Alan Wake Review – Fear The Dark

Tuesday, June 1st, 2010


-Solid combat mechanics

-Some intriguing storytelling

-Some impressive atmospheric moments


-Major lack of atmospheric focus

-Some awkward storytelling

-Repetitive gameplay

Alan Wake is a strange beast. Billed on its own boxart as a “psychological action thriller,” Alan Wake is a solid action/horror experience built on some solid gameplay mechanics. It tells a clever, twisting story that managed to hold my interest until the end. And, at its finest, it does garner some atmospheric merit. But while Alan Wake does many things well, it never manages to jump off the page in any meaningful way. The result is a game that is fun to play, but ultimately, rather unfulfilling. Read on, and I’ll explain.
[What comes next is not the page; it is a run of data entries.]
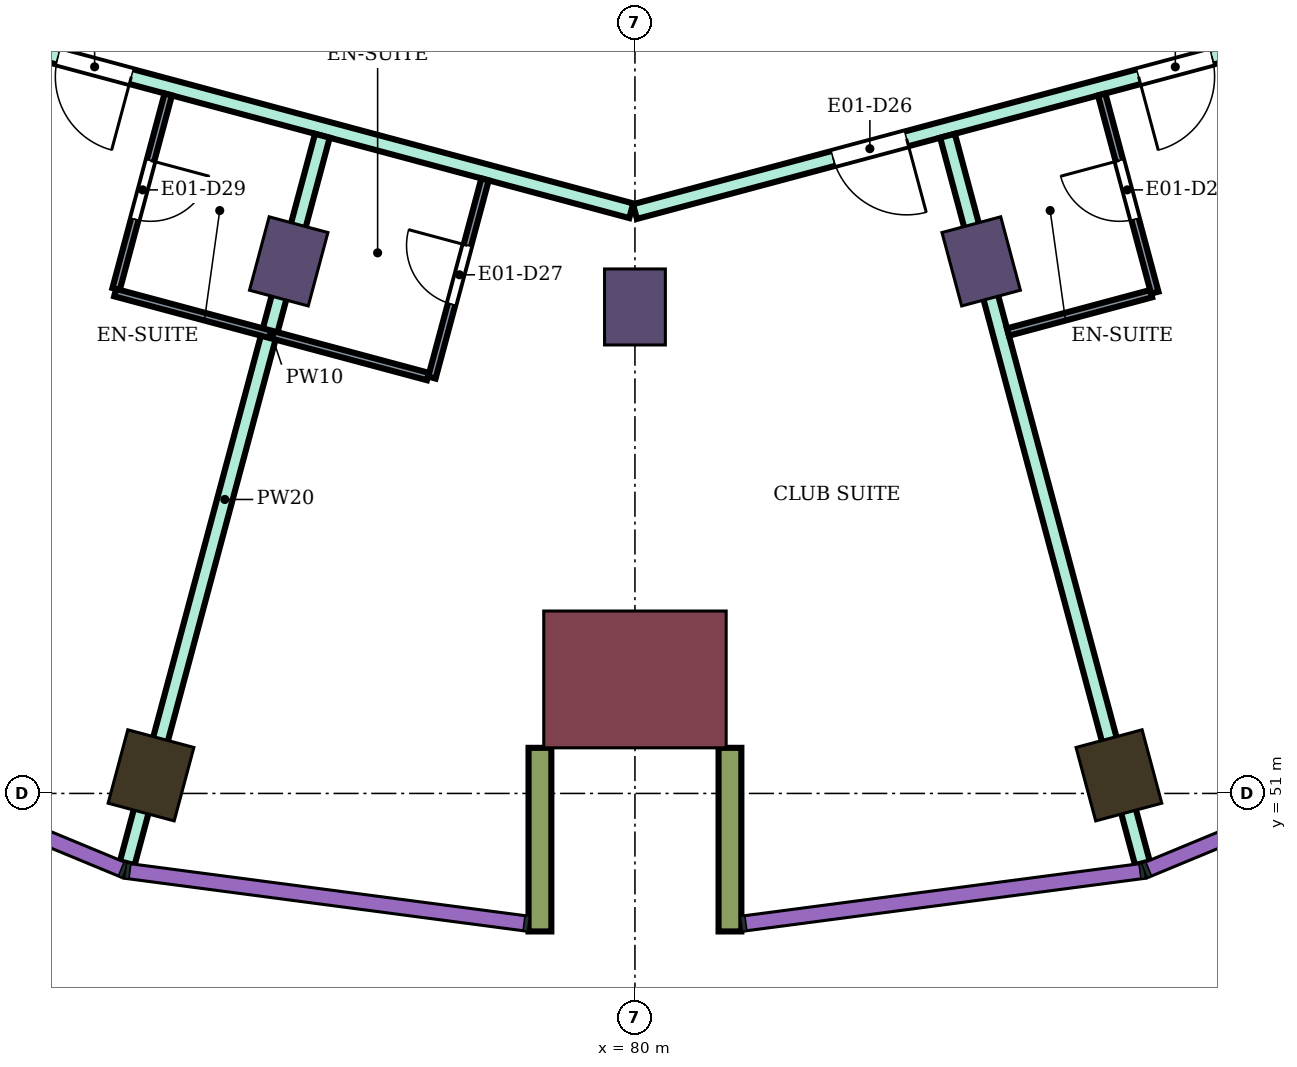
"""IFC4 building model, lengths in metres.
Left out: names, types, materials, properties, quantities, classifications, styles, units other than length and angle.
Written with IfcOpenShell. Run it as: python <this file> out.ifc"""

import sys

from ifc_helpers import new_model, si_unit, direction, frame, frame_2d, origin, origin_2d, place, context, subcontext, project, spatial, rectangle, extrude, element, fill, save


model = new_model("IFC4")
c1 = context("Model", 3, precision=1e-05, world=origin(), true_north=direction((0.0, 1.0)))
c2 = subcontext(c1, "Body", "Model", "MODEL_VIEW")
j1 = project(units=[si_unit("LENGTHUNIT", "METRE"), si_unit("PLANEANGLEUNIT", "RADIAN")], contexts=[c1])
p1 = place(None, origin())
s1 = spatial("IfcSite", under=j1, at=p1, CompositionType="ELEMENT")
p2 = place(p1, origin())
s2 = spatial("IfcBuilding", under=s1, at=p2, CompositionType="ELEMENT")
p3 = place(p2, frame((0.0, 0.0, 122.4)))
s3 = spatial("IfcBuildingStorey", under=s2, at=p3, CompositionType="ELEMENT", Elevation=122.4)
for number, where, z_axis, x_axis in (
    (1, (73.633, 51.238, 0.0), (0.0, 0.0, 1.0), (-0.259, -0.966, 0.0)),
    (2, (86.367, 51.238, 0.0), (0.0, 0.0, 1.0), (0.259, -0.966, 0.0)),
):
    element("IfcColumn", number, at=place(p3, frame(where, z_axis=z_axis, x_axis=x_axis)), inside=s3, PredefinedType="COLUMN", context=c2, shape_type="SweptSolid", body=[
        extrude(rectangle(XDim=1.0, YDim=0.9, at=origin_2d()), origin(), (0.0, 0.0, 1.0), 3.9),
    ])
for number, where, z_axis, x_axis in (
    (3, (75.445, 58.0, 0.0), (0.0, 0.0, 1.0), (-0.259, -0.966, 0.0)),
    (4, (80.0, 57.4, 0.0), (0.0, 0.0, 1.0), (0.0, -1.0, 0.0)),
    (5, (84.555, 58.0, 0.0), (0.0, 0.0, 1.0), (0.259, -0.966, 0.0)),
):
    element("IfcColumn", number, at=place(p3, frame(where, z_axis=z_axis, x_axis=x_axis)), inside=s3, PredefinedType="COLUMN", context=c2, shape_type="SweptSolid", body=[
        extrude(rectangle(XDim=1.0, YDim=0.8, at=origin_2d()), origin(), (0.0, 0.0, 1.0), 3.9),
    ])
p4 = place(p3, frame((80.0, 52.5, 0.0), z_axis=(0.0, 0.0, 1.0), x_axis=(0.0, -1.0, 0.0)))
e6 = element("IfcColumn", 6, at=p4, inside=s3, PredefinedType="COLUMN", context=c2, shape_type="SweptSolid", body=[
    extrude(rectangle(XDim=1.8, YDim=2.4, at=origin_2d()), origin(), (0.0, 0.0, 1.0), 3.9),
])
for number, where, z_axis, x_axis in (
    (7, (78.75, 51.6, 0.0), (0.0, 0.0, 1.0), (0.0, -1.0, 0.0)),
    (8, (81.25, 51.6, 0.0), (0.0, 0.0, 1.0), (0.0, -1.0, 0.0)),
):
    element("IfcWall", number, at=place(p3, frame(where, z_axis=z_axis, x_axis=x_axis)), inside=s3, PredefinedType="NOTDEFINED", context=c2, shape_type="SweptSolid", body=[
        extrude(rectangle(XDim=2.416, YDim=0.3, at=frame_2d((1.208, 0.0))), origin(), (0.0, 0.0, 1.0), 3.9),
    ])
p5 = place(p3, frame((71.877, 60.832, 0.0), z_axis=(0.0, 0.0, 1.0), x_axis=(0.965857276008, -0.259074742848, 0.0)))
e9 = element("IfcWall", 9, at=p5, inside=s3, PredefinedType="PARTITIONING", context=c2, shape_type="SweptSolid", body=[
    extrude(rectangle(XDim=8.36, YDim=0.2, at=frame_2d((4.18, 0.0))), origin(), (0.0, 0.0, 1.0), 3.45),
])
p6 = place(p5, frame((0.55, 0.0, 0.0)))
e10 = element("IfcOpeningElement", 10, at=p6, cuts=e9, PredefinedType="OPENING", context=c2, shape_type="SweptSolid", body=[
    extrude(rectangle(XDim=1.0, YDim=2.1, at=frame_2d((0.5, 1.05))), frame((0.0, 0.11, 0.0), z_axis=(0.0, -1.0, 0.0), x_axis=(1.0, 0.0, 0.0)), (0.0, 0.0, 1.0), 0.22),
])
p7 = place(p3, frame((73.321, 50.082, 0.0), z_axis=(0.0, 0.0, 1.0), x_axis=(0.259057928998, 0.96586178588, 0.0)))
e11 = element("IfcWall", 11, at=p7, inside=s3, PredefinedType="PARTITIONING", context=c2, shape_type="SweptSolid", body=[
    extrude(rectangle(XDim=9.909, YDim=0.2, at=frame_2d((4.954, 0.0))), origin(), (0.0, 0.0, 1.0), 3.45),
])
p8 = place(p3, frame((80.0, 58.655, 0.0), z_axis=(0.0, 0.0, 1.0), x_axis=(0.965967338894, 0.258664068224, 0.0)))
e12 = element("IfcWall", 12, at=p8, inside=s3, PredefinedType="PARTITIONING", context=c2, shape_type="SweptSolid", body=[
    extrude(rectangle(XDim=8.36, YDim=0.2, at=frame_2d((4.18, 0.0))), origin(), (0.0, 0.0, 1.0), 3.45),
])
p9 = place(p8, frame((6.86, 0.0, 0.0)))
e13 = element("IfcOpeningElement", 13, at=p9, cuts=e12, PredefinedType="OPENING", context=c2, shape_type="SweptSolid", body=[
    extrude(rectangle(XDim=1.0, YDim=2.1, at=frame_2d((0.5, 1.05))), frame((0.0, 0.11, 0.0), z_axis=(0.0, -1.0, 0.0), x_axis=(1.0, 0.0, 0.0)), (0.0, 0.0, 1.0), 0.22),
])
p10 = place(p8, frame((2.7, 0.0, 0.0)))
e14 = element("IfcOpeningElement", 14, at=p10, cuts=e12, PredefinedType="OPENING", context=c2, shape_type="SweptSolid", body=[
    extrude(rectangle(XDim=1.0, YDim=2.1, at=frame_2d((0.5, 1.05))), frame((0.0, 0.11, 0.0), z_axis=(0.0, -1.0, 0.0), x_axis=(1.0, 0.0, 0.0)), (0.0, 0.0, 1.0), 0.22),
])
p11 = place(p3, frame((84.112, 59.652, 0.0), z_axis=(0.0, 0.0, 1.0), x_axis=(0.258838718107, -0.965920554709, 0.0)))
e15 = element("IfcWall", 15, at=p11, inside=s3, PredefinedType="PARTITIONING", context=c2, shape_type="SweptSolid", body=[
    extrude(rectangle(XDim=9.908, YDim=0.2, at=frame_2d((4.954, 0.0))), origin(), (0.0, 0.0, 1.0), 3.45),
])
p12 = place(p3, frame((73.174, 57.636, 0.0), z_axis=(0.0, 0.0, 1.0), x_axis=(0.258952498977, 0.96589005755, 0.0)))
e16 = element("IfcWall", 16, at=p12, inside=s3, PredefinedType="PARTITIONING", context=c2, shape_type="SweptSolid", body=[
    extrude(rectangle(XDim=2.65, YDim=0.1, at=frame_2d((1.325, 0.0))), origin(), (0.0, 0.0, 1.0), 3.45),
])
p13 = place(p12, frame((0.95, 0.0, 0.0)))
e17 = element("IfcOpeningElement", 17, at=p13, cuts=e16, PredefinedType="OPENING", context=c2, shape_type="SweptSolid", body=[
    extrude(rectangle(XDim=0.8, YDim=2.1, at=frame_2d((0.4, 1.05))), frame((0.0, 0.06, 0.0), z_axis=(0.0, -1.0, 0.0), x_axis=(1.0, 0.0, 0.0)), (0.0, 0.0, 1.0), 0.12),
])
p14 = place(p3, frame((73.161, 57.588, 0.0), z_axis=(0.0, 0.0, 1.0), x_axis=(0.965858226827, -0.259071198071, 0.0)))
e18 = element("IfcWall", 18, at=p14, inside=s3, PredefinedType="PARTITIONING", context=c2, shape_type="SweptSolid", body=[
    extrude(rectangle(XDim=4.26, YDim=0.1, at=frame_2d((2.13, 0.0))), origin(), (0.0, 0.0, 1.0), 3.45),
])
p15 = place(p3, frame((77.329, 56.471, 0.0), z_axis=(0.0, 0.0, 1.0), x_axis=(0.259013334072, 0.965873745773, 0.0)))
e19 = element("IfcWall", 19, at=p15, inside=s3, PredefinedType="PARTITIONING", context=c2, shape_type="SweptSolid", body=[
    extrude(rectangle(XDim=2.699, YDim=0.1, at=frame_2d((1.35, 0.0))), origin(), (0.0, 0.0, 1.0), 3.45),
])
p16 = place(p15, frame((1.0, 0.0, 0.0)))
e20 = element("IfcOpeningElement", 20, at=p16, cuts=e19, PredefinedType="OPENING", context=c2, shape_type="SweptSolid", body=[
    extrude(rectangle(XDim=0.8, YDim=2.1, at=frame_2d((0.4, 1.05))), frame((0.0, 0.06, 0.0), z_axis=(0.0, -1.0, 0.0), x_axis=(1.0, 0.0, 0.0)), (0.0, 0.0, 1.0), 0.12),
])
p17 = place(p3, frame((84.908, 57.07, 0.0), z_axis=(0.0, 0.0, 1.0), x_axis=(0.965853538138, 0.25908867761, 0.0)))
e21 = element("IfcWall", 21, at=p17, inside=s3, PredefinedType="PARTITIONING", context=c2, shape_type="SweptSolid", body=[
    extrude(rectangle(XDim=1.95, YDim=0.1, at=frame_2d((0.975, 0.0))), origin(), (0.0, 0.0, 1.0), 3.45),
])
p18 = place(p3, frame((86.14, 60.196, 0.0), z_axis=(0.0, 0.0, 1.0), x_axis=(0.258945475746, -0.965891940432, 0.0)))
e22 = element("IfcWall", 22, at=p18, inside=s3, PredefinedType="PARTITIONING", context=c2, shape_type="SweptSolid", body=[
    extrude(rectangle(XDim=2.7, YDim=0.1, at=frame_2d((1.35, 0.0))), origin(), (0.0, 0.0, 1.0), 3.45),
])
p19 = place(p18, frame((0.9, 0.0, 0.0)))
e23 = element("IfcOpeningElement", 23, at=p19, cuts=e22, PredefinedType="OPENING", context=c2, shape_type="SweptSolid", body=[
    extrude(rectangle(XDim=0.8, YDim=2.1, at=frame_2d((0.4, 1.05))), frame((0.0, 0.06, 0.0), z_axis=(0.0, -1.0, 0.0), x_axis=(1.0, 0.0, 0.0)), (0.0, 0.0, 1.0), 0.12),
])
p20 = place(p9, frame((1.0, 0.0, 0.0), z_axis=(0.0, 0.0, 1.0), x_axis=(-1.0, 0.0, 0.0)))
e24 = element("IfcDoor", 24, at=p20, inside=s3, OperationType="SINGLE_SWING_RIGHT", PredefinedType="DOOR", context=c2, shape_type="SweptSolid", body=[
    extrude(rectangle(XDim=1.0, YDim=2.1, at=frame_2d((0.5, 1.05))), frame((0.0, 0.025, 0.0), z_axis=(0.0, -1.0, 0.0), x_axis=(1.0, 0.0, 0.0)), (0.0, 0.0, 1.0), 0.05),
])
fill(e13, e24)
p21 = place(p19, frame((0.8, 0.0, 0.0), z_axis=(0.0, 0.0, 1.0), x_axis=(-1.0, 0.0, 0.0)))
e25 = element("IfcDoor", 25, at=p21, inside=s3, OperationType="SINGLE_SWING_RIGHT", PredefinedType="DOOR", context=c2, shape_type="SweptSolid", body=[
    extrude(rectangle(XDim=0.8, YDim=2.1, at=frame_2d((0.4, 1.05))), frame((0.0, 0.025, 0.0), z_axis=(0.0, -1.0, 0.0), x_axis=(1.0, 0.0, 0.0)), (0.0, 0.0, 1.0), 0.05),
])
fill(e23, e25)
p22 = place(p10, frame((1.0, 0.0, 0.0), z_axis=(0.0, 0.0, 1.0), x_axis=(-1.0, 0.0, 0.0)))
e26 = element("IfcDoor", 26, at=p22, inside=s3, OperationType="SINGLE_SWING_LEFT", PredefinedType="DOOR", context=c2, shape_type="SweptSolid", body=[
    extrude(rectangle(XDim=1.0, YDim=2.1, at=frame_2d((0.5, 1.05))), frame((0.0, 0.025, 0.0), z_axis=(0.0, -1.0, 0.0), x_axis=(1.0, 0.0, 0.0)), (0.0, 0.0, 1.0), 0.05),
])
fill(e14, e26)
p23 = place(p16, origin())
e27 = element("IfcDoor", 27, at=p23, inside=s3, OperationType="SINGLE_SWING_RIGHT", PredefinedType="DOOR", context=c2, shape_type="SweptSolid", body=[
    extrude(rectangle(XDim=0.8, YDim=2.1, at=frame_2d((0.4, 1.05))), frame((0.0, 0.025, 0.0), z_axis=(0.0, -1.0, 0.0), x_axis=(1.0, 0.0, 0.0)), (0.0, 0.0, 1.0), 0.05),
])
fill(e20, e27)
p24 = place(p6, frame((1.0, 0.0, 0.0), z_axis=(0.0, 0.0, 1.0), x_axis=(-1.0, 0.0, 0.0)))
e28 = element("IfcDoor", 28, at=p24, inside=s3, OperationType="SINGLE_SWING_LEFT", PredefinedType="DOOR", context=c2, shape_type="SweptSolid", body=[
    extrude(rectangle(XDim=1.0, YDim=2.1, at=frame_2d((0.5, 1.05))), frame((0.0, 0.025, 0.0), z_axis=(0.0, -1.0, 0.0), x_axis=(1.0, 0.0, 0.0)), (0.0, 0.0, 1.0), 0.05),
])
fill(e10, e28)
p25 = place(p13, frame((0.8, 0.0, 0.0), z_axis=(0.0, 0.0, 1.0), x_axis=(-1.0, 0.0, 0.0)))
e29 = element("IfcDoor", 29, at=p25, inside=s3, OperationType="SINGLE_SWING_LEFT", PredefinedType="DOOR", context=c2, shape_type="SweptSolid", body=[
    extrude(rectangle(XDim=0.8, YDim=2.1, at=frame_2d((0.4, 1.05))), frame((0.0, 0.025, 0.0), z_axis=(0.0, -1.0, 0.0), x_axis=(1.0, 0.0, 0.0)), (0.0, 0.0, 1.0), 0.05),
])
fill(e17, e29)
save(model, sys.argv[1])

Alan Wake often draws comparison to Quantic Dream’s interactive thriller, Heavy Rain. The only real reason for this is that both games share an emphasis on storytelling. Alan Wake is (or attempts to be) a psychological thriller, filled with all the mystery, intrigue, and plot twists that you’d expect. The premise is quite basic, and quite familiar: Alan Wake is a struggling writer, hoping to enjoy a quiet vacation with his wife, Alice Wake, in Bright Falls – a quaint (read: absurdly fucking creepy) little mountain town. Unfortunately for Mr. Wake, things go wrong mere moments after he checks into his cabin. Alice is assaulted and thrown into an icy lake to drown. Alan dives after her, but quickly blacks out. He wakes up a week later, with no memory of what’s occurred in the last seven days – the last thing he remembers is the drowning figure of his wife. From there, shit just gets crazy, for lack of a better phrase. Alan soon discovers that the events unfolding around him are the living manifestation of a novel he wrote – with himself as the main character.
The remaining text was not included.